Learning from Disasters
In an era when disasters are growing in frequency and impact4, we must be at the ready to meet the specific needs of children and families when the next disaster strikes. Save the Children knows that children are most vulnerable in disasters, with unique needs that require specific and purposeful planning to keep them from harm.5 But how do you prepare for a hurricane?
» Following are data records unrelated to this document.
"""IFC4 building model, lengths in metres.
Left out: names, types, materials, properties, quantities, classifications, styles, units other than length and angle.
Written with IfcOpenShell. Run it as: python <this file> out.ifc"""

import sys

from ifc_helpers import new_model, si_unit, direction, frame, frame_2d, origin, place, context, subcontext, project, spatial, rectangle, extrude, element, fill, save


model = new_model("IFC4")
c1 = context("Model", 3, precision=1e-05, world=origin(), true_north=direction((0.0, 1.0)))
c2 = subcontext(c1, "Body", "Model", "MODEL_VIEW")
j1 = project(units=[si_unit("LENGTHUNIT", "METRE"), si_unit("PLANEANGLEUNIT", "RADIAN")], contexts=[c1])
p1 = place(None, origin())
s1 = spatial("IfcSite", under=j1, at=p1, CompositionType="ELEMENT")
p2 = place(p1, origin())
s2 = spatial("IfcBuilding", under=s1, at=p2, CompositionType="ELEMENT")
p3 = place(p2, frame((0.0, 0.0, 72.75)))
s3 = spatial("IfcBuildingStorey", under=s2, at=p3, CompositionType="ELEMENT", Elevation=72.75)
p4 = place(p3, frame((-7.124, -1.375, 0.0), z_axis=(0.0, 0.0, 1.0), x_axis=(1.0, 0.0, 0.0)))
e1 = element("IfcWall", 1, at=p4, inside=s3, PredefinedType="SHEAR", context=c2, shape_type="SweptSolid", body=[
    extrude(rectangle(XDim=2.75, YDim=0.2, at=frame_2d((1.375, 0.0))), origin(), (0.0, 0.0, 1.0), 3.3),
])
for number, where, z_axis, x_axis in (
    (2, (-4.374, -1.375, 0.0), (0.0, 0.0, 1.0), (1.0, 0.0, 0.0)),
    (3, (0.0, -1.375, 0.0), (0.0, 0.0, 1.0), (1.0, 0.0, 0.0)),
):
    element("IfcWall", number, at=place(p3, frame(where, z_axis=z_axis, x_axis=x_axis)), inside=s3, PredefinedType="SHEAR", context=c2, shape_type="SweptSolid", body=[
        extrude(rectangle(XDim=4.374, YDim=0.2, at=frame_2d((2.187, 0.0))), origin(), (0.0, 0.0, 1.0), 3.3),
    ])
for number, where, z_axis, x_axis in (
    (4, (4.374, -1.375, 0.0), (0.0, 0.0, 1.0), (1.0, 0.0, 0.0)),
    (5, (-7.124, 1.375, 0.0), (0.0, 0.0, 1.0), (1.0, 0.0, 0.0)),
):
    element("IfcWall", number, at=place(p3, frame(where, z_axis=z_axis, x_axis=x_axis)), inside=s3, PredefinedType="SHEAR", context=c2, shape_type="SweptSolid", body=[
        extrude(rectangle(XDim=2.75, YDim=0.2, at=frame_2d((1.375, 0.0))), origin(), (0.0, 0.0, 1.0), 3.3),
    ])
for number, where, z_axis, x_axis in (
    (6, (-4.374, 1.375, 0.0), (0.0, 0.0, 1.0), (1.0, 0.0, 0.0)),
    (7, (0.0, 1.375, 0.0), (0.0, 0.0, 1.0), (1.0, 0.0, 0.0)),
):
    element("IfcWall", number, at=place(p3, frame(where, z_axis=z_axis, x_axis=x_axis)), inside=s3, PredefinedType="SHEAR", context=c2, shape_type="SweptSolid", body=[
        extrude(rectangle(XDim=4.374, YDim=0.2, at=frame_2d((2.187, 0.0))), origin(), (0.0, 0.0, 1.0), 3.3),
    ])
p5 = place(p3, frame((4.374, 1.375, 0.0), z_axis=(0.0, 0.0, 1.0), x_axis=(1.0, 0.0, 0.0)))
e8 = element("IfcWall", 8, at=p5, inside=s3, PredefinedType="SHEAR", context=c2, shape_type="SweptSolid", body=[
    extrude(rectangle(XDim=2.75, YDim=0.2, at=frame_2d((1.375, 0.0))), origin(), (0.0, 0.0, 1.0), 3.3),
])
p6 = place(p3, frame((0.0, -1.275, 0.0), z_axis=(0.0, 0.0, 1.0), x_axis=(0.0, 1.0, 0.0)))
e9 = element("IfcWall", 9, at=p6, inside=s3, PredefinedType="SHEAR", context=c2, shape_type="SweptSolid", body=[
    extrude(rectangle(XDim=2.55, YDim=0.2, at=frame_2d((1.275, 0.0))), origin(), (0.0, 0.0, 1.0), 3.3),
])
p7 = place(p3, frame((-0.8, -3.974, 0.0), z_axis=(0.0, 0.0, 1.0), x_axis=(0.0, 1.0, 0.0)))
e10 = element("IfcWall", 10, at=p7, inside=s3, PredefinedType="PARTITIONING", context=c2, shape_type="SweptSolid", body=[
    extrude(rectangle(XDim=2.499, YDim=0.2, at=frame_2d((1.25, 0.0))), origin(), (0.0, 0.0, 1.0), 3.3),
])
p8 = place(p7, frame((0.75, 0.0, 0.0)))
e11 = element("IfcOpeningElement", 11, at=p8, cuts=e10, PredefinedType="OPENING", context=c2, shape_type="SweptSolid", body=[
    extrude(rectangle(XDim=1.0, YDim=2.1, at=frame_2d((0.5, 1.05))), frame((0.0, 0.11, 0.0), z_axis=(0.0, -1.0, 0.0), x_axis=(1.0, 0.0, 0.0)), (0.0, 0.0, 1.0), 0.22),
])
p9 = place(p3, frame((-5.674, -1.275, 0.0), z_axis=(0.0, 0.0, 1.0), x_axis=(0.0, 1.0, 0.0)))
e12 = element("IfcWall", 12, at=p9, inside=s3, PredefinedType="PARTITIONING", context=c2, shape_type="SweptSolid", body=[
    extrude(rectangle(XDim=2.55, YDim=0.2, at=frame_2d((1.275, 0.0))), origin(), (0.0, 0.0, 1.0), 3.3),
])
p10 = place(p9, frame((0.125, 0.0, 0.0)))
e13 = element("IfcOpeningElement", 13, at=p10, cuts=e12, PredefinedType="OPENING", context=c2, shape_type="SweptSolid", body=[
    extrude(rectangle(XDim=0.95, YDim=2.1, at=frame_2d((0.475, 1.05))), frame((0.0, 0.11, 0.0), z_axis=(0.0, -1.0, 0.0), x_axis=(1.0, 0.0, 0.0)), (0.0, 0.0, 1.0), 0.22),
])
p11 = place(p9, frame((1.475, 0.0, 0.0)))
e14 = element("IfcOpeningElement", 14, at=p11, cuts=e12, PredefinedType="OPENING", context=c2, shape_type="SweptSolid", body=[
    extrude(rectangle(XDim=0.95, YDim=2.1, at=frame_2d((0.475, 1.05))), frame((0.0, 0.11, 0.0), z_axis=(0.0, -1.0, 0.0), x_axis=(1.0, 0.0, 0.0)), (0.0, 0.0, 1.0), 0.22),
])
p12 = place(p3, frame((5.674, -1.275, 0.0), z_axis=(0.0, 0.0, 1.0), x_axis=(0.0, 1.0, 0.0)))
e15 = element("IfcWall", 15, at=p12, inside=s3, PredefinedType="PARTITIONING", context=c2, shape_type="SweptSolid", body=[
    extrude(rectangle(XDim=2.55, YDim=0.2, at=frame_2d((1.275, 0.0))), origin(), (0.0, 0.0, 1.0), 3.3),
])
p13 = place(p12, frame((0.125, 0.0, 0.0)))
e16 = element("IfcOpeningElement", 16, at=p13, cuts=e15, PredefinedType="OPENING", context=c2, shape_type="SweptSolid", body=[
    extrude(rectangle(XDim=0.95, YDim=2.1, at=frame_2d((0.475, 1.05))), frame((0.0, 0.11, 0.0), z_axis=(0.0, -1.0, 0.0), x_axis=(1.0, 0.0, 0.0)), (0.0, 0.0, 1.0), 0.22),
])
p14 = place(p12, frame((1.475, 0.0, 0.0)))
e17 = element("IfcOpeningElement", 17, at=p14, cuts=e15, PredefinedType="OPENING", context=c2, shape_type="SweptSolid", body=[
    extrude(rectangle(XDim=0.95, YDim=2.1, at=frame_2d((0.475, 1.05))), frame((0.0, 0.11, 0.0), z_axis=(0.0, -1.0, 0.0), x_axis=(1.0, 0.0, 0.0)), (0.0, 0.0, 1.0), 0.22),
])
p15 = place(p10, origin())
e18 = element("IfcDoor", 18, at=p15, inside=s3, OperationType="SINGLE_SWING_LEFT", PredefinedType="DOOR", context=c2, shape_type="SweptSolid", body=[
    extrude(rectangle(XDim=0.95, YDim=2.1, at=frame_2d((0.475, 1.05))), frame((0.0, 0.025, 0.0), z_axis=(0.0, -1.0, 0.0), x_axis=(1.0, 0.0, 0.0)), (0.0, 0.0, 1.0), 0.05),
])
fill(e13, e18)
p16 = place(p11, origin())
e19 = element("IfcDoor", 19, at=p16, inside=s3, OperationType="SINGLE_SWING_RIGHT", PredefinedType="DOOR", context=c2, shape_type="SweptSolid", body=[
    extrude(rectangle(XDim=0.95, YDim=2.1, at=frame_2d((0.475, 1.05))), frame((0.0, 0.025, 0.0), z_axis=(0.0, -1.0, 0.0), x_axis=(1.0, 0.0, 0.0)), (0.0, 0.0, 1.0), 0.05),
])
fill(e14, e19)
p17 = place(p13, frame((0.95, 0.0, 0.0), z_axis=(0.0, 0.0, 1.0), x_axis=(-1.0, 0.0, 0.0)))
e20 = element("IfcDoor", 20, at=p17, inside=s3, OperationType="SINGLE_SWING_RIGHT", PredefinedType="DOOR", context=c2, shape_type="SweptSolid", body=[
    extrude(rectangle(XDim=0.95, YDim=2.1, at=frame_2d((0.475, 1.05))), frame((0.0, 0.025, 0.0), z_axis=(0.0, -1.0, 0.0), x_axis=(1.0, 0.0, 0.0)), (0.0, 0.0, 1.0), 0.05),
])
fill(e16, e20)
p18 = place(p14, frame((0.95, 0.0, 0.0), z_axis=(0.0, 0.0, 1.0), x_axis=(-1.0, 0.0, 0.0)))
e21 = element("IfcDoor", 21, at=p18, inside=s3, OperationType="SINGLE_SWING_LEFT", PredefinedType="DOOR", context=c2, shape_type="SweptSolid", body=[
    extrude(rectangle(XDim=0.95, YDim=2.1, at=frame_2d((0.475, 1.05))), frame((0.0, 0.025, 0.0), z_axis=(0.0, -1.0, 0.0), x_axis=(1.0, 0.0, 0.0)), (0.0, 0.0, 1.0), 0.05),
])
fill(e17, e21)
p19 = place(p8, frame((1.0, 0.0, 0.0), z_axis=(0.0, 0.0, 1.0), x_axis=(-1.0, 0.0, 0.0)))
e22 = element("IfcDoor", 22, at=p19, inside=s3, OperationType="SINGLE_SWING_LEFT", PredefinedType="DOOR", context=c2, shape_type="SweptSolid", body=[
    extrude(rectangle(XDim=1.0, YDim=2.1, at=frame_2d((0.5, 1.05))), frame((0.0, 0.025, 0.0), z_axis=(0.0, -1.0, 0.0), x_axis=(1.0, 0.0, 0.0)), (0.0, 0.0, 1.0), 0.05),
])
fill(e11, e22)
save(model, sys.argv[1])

Being aware of where evacuation routes are and staying informed about weather conditions can save lives. Additionally, it’s important to develop a family plan that details where emergency shelters are located, how to get to your meet-up location if your family is separated and who to designate as your family contact person can help you stay all safe. More tips, including how to develop a family communication strategy are outlined in Save the Children’s Disaster Checklist for Parents.
Living with Hardships
Disasters like Hurricane Harvey, Hurricane Irma and Hurricane Maria don’t simply destroy homes, they can devastate entire communities. Flood-damaged schools are rendered unsafe for children, businesses face foreclosures, and healthcare services may disappear. Contaminated water and air pollution lay the foundation for chronic disease.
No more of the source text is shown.